What Would It Take To Kill Bitcoin?
Livera spoke to the fact that a full government ban on Bitcoin would make people aware of the fact that they have little control over the money in their bank accounts. Ammous responded, in part:
People think that if government were to just pass a law that bans Bitcoin, then Bitcoin goes away and they get to laugh at us, and that’s the end of the story. I think it’s actually the other way around. […] The more restrictive governments are against Bitcoin, that means the more restrictive they generally are financially, and the worse their monetary policies are.
So if people are trying to get into Bitcoin and governments are saying, ‘If you buy Bitcoin, we’re going to throw you in jail,’ then number one, we can tell, obviously that people have a good reason to be buying Bitcoin, otherwise they wouldn’t be risking going to jail. And that government is trying to stop them from it, and the fact that it is trying to stop them means that government is imposing financial restrictions on them.
And so that ultimately is Bitcoin’s use case. Bitcoin’s use case is moving money around the world without having to report to your government. And so the more governments create restrictions like this, the more problems they create, the worse their monetary policy is, and that’s not just, you know, the governments of the west. […] It applies all over the world.
Bitcoin Bans Have a Streisand Effect
Ammous believes that laws banning Bitcoin have a positive impact on it. The unrestricted nature of Bitcoin transactions means that repression has more of a Streisand effect.

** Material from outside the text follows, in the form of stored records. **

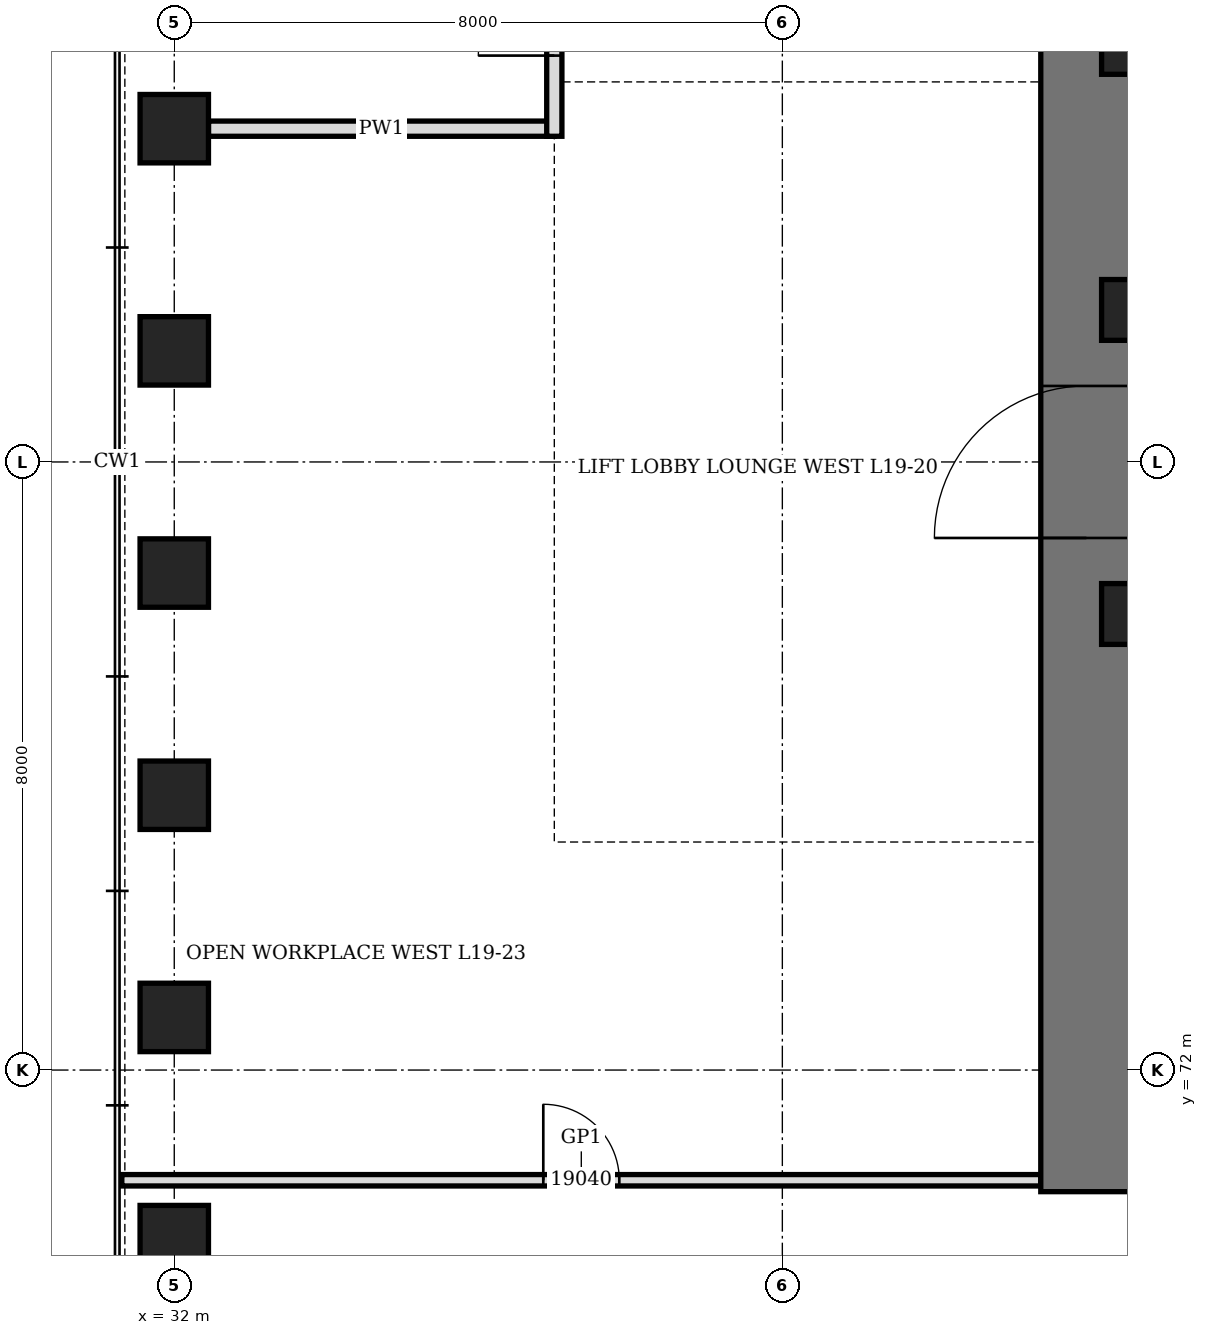
"""IFC4 building model, lengths in metres.
Left out: names, types, materials, properties, quantities, classifications, styles, units other than length and angle.
Written with IfcOpenShell. Run it as: python <this file> out.ifc"""

import sys

from ifc_helpers import new_model, si_unit, direction, frame, frame_2d, origin, origin_2d, place, context, subcontext, project, spatial, rectangle, hollow_rectangle, extrude, element, fill, save


model = new_model("IFC4")
c1 = context("Model", 3, precision=1e-05, world=origin(), true_north=direction((0.0, 1.0)))
c2 = subcontext(c1, "Body", "Model", "MODEL_VIEW")
j1 = project(units=[si_unit("LENGTHUNIT", "METRE"), si_unit("PLANEANGLEUNIT", "RADIAN")], contexts=[c1])
p1 = place(None, origin())
s1 = spatial("IfcSite", under=j1, at=p1, CompositionType="ELEMENT")
p2 = place(p1, origin())
s2 = spatial("IfcBuilding", under=s1, at=p2, CompositionType="ELEMENT")
p3 = place(p2, frame((0.0, 0.0, 89.5)))
s3 = spatial("IfcBuildingStorey", under=s2, at=p3, CompositionType="ELEMENT", Elevation=89.5)
for number, where, z_axis, x_axis in (
    (1, (32.0, 84.385, 0.0), (0.0, 0.0, 1.0), (0.0, 1.0, 0.0)),
    (2, (32.0, 81.461, 0.0), (0.0, 0.0, 1.0), (0.0, 1.0, 0.0)),
    (3, (32.0, 78.539, 0.0), (0.0, 0.0, 1.0), (0.0, 1.0, 0.0)),
    (4, (32.0, 75.615, 0.0), (0.0, 0.0, 1.0), (0.0, 1.0, 0.0)),
    (5, (32.0, 72.692, 0.0), (0.0, 0.0, 1.0), (0.0, 1.0, 0.0)),
    (6, (32.0, 69.769, 0.0), (0.0, 0.0, 1.0), (0.0, 1.0, 0.0)),
):
    element("IfcColumn", number, at=place(p3, frame(where, z_axis=z_axis, x_axis=x_axis)), inside=s3, PredefinedType="COLUMN", context=c2, shape_type="SweptSolid", body=[
        extrude(hollow_rectangle(XDim=0.9, YDim=0.9, WallThickness=0.12, at=origin_2d()), origin(), (0.0, 0.0, 1.0), 4.2),
    ])
p4 = place(p3, frame((44.0, 70.4, 0.0), z_axis=(0.0, 0.0, 1.0), x_axis=(0.0, 1.0, 0.0)))
e7 = element("IfcWall", 7, at=p4, inside=s3, PredefinedType="SHEAR", context=c2, shape_type="SweptSolid", body=[
    extrude(rectangle(XDim=19.2, YDim=1.2, at=frame_2d((9.6, 0.0))), origin(), (0.0, 0.0, 1.0), 4.2),
])
p5 = place(p4, frame((8.6, 0.0, 0.0)))
e8 = element("IfcOpeningElement", 8, at=p5, cuts=e7, PredefinedType="OPENING", context=c2, shape_type="SweptSolid", body=[
    extrude(rectangle(XDim=2.0, YDim=2.4, at=frame_2d((1.0, 1.2))), frame((0.0, 0.61, 0.0), z_axis=(0.0, -1.0, 0.0), x_axis=(1.0, 0.0, 0.0)), (0.0, 0.0, 1.0), 1.22),
])
for number, where, z_axis, x_axis in (
    (9, (44.6, 78.0, 0.0), (0.0, 0.0, 1.0), (1.0, 0.0, 0.0)),
    (10, (44.6, 82.0, 0.0), (0.0, 0.0, 1.0), (1.0, 0.0, 0.0)),
    (11, (44.6, 85.5, 0.0), (0.0, 0.0, 1.0), (1.0, 0.0, 0.0)),
):
    element("IfcColumn", number, at=place(p3, frame(where, z_axis=z_axis, x_axis=x_axis)), inside=s3, PredefinedType="COLUMN", context=c2, shape_type="SweptSolid", body=[
        extrude(hollow_rectangle(XDim=0.8, YDim=0.8, WallThickness=0.1, at=origin_2d()), origin(), (0.0, 0.0, 1.0), 4.2),
    ])
p6 = place(p3, frame((32.45, 84.385, 0.0), z_axis=(0.0, 0.0, 1.0), x_axis=(1.0, 0.0, 0.0)))
e12 = element("IfcWall", 12, at=p6, inside=s3, PredefinedType="PARTITIONING", context=c2, shape_type="SweptSolid", body=[
    extrude(rectangle(XDim=4.55, YDim=0.2, at=frame_2d((2.275, 0.0))), origin(), (0.0, 0.0, 1.0), 3.428),
])
p7 = place(p3, frame((31.31, 70.55, 0.0), z_axis=(0.0, 0.0, 1.0), x_axis=(1.0, 0.0, 0.0)))
e13 = element("IfcWall", 13, at=p7, inside=s3, PredefinedType="PARTITIONING", context=c2, shape_type="SweptSolid", body=[
    extrude(rectangle(XDim=12.09, YDim=0.15, at=frame_2d((6.045, 0.0))), origin(), (0.0, 0.0, 1.0), 4.04),
])
p8 = place(p7, frame((5.545, 0.0, 0.0)))
e14 = element("IfcOpeningElement", 14, at=p8, cuts=e13, PredefinedType="OPENING", context=c2, shape_type="SweptSolid", body=[
    extrude(rectangle(XDim=1.0, YDim=2.4, at=frame_2d((0.5, 1.2))), frame((0.0, 0.085, 0.0), z_axis=(0.0, -1.0, 0.0), x_axis=(1.0, 0.0, 0.0)), (0.0, 0.0, 1.0), 0.17),
])
p9 = place(p3, frame((37.0, 84.285, 0.0), z_axis=(0.0, 0.0, 1.0), x_axis=(0.0, 1.0, 0.0)))
e15 = element("IfcWall", 15, at=p9, inside=s3, PredefinedType="PARTITIONING", context=c2, shape_type="SweptSolid", body=[
    extrude(rectangle(XDim=11.792, YDim=0.2, at=frame_2d((5.896, 0.0))), origin(), (0.0, 0.0, 1.0), 4.04),
])
p10 = place(p9, frame((1.062, 0.0, 0.0)))
e16 = element("IfcOpeningElement", 16, at=p10, cuts=e15, PredefinedType="OPENING", context=c2, shape_type="SweptSolid", body=[
    extrude(rectangle(XDim=1.0, YDim=2.1, at=frame_2d((0.5, 1.05))), frame((0.0, 0.11, 0.0), z_axis=(0.0, -1.0, 0.0), x_axis=(1.0, 0.0, 0.0)), (0.0, 0.0, 1.0), 0.22),
])
p11 = place(p9, frame((6.908, 0.0, 0.0)))
e17 = element("IfcOpeningElement", 17, at=p11, cuts=e15, PredefinedType="OPENING", context=c2, shape_type="SweptSolid", body=[
    extrude(rectangle(XDim=1.0, YDim=2.1, at=frame_2d((0.5, 1.05))), frame((0.0, 0.11, 0.0), z_axis=(0.0, -1.0, 0.0), x_axis=(1.0, 0.0, 0.0)), (0.0, 0.0, 1.0), 0.22),
])
p12 = place(p5, origin())
e18 = element("IfcDoor", 18, at=p12, inside=s3, OperationType="DOUBLE_DOOR_SINGLE_SWING", PredefinedType="DOOR", context=c2, shape_type="SweptSolid", body=[
    extrude(rectangle(XDim=2.0, YDim=2.4, at=frame_2d((1.0, 1.2))), frame((0.0, 0.35, 0.0), z_axis=(0.0, -1.0, 0.0), x_axis=(1.0, 0.0, 0.0)), (0.0, 0.0, 1.0), 0.7),
])
fill(e8, e18)
p13 = place(p10, origin())
e19 = element("IfcDoor", 19, at=p13, inside=s3, OperationType="SINGLE_SWING_LEFT", PredefinedType="DOOR", context=c2, shape_type="SweptSolid", body=[
    extrude(rectangle(XDim=1.0, YDim=2.1, at=frame_2d((0.5, 1.05))), frame((0.0, 0.1, 0.0), z_axis=(0.0, -1.0, 0.0), x_axis=(1.0, 0.0, 0.0)), (0.0, 0.0, 1.0), 0.199),
])
fill(e16, e19)
p14 = place(p8, origin())
e20 = element("IfcDoor", 20, at=p14, inside=s3, OperationType="SINGLE_SWING_RIGHT", PredefinedType="DOOR", context=c2, shape_type="SweptSolid", body=[
    extrude(rectangle(XDim=1.0, YDim=2.4, at=frame_2d((0.5, 1.2))), frame((0.0, 0.075, 0.0), z_axis=(0.0, -1.0, 0.0), x_axis=(1.0, 0.0, 0.0)), (0.0, 0.0, 1.0), 0.149),
])
fill(e14, e20)
save(model, sys.argv[1])

Laws are just one way governments might try to kill cryptocurrency. As with any technological force, you can’t rightly legislate it away. Bitcoin is as much a philosophical movement as it is a financial upheaval and, indeed, a judgment on institutions writ large.
Want to Kill Bitcoin? Be Better
Ammous says that if governments want to kill Bitcoin, they need to compete with it.
The notion that you’re just going to kill the economic incentive that exists for people to use Bitcoin by passing a law that criminalizes it, I think is fanciful – I don’t see that happening. […] The way for governments to kill Bitcoin would be to do the exact opposite of what the no-coiners want and the exact opposite of what the Keynesians and the people who hate Bitcoin think would work. The way for them to kill Bitcoin is for them to make the economic incentive to use Bitcoin irrelevant. To make the demand for using Bitcoin go away at the source. They need to offer a technology that is better than Bitcoin – that can obviate the need for Bitcoin.
The long-time crypto analyst elucidates this viewpoint more in a recent paper issue of his newsletter, which costs $50 if you want to read it.
Listen to the full podcast below.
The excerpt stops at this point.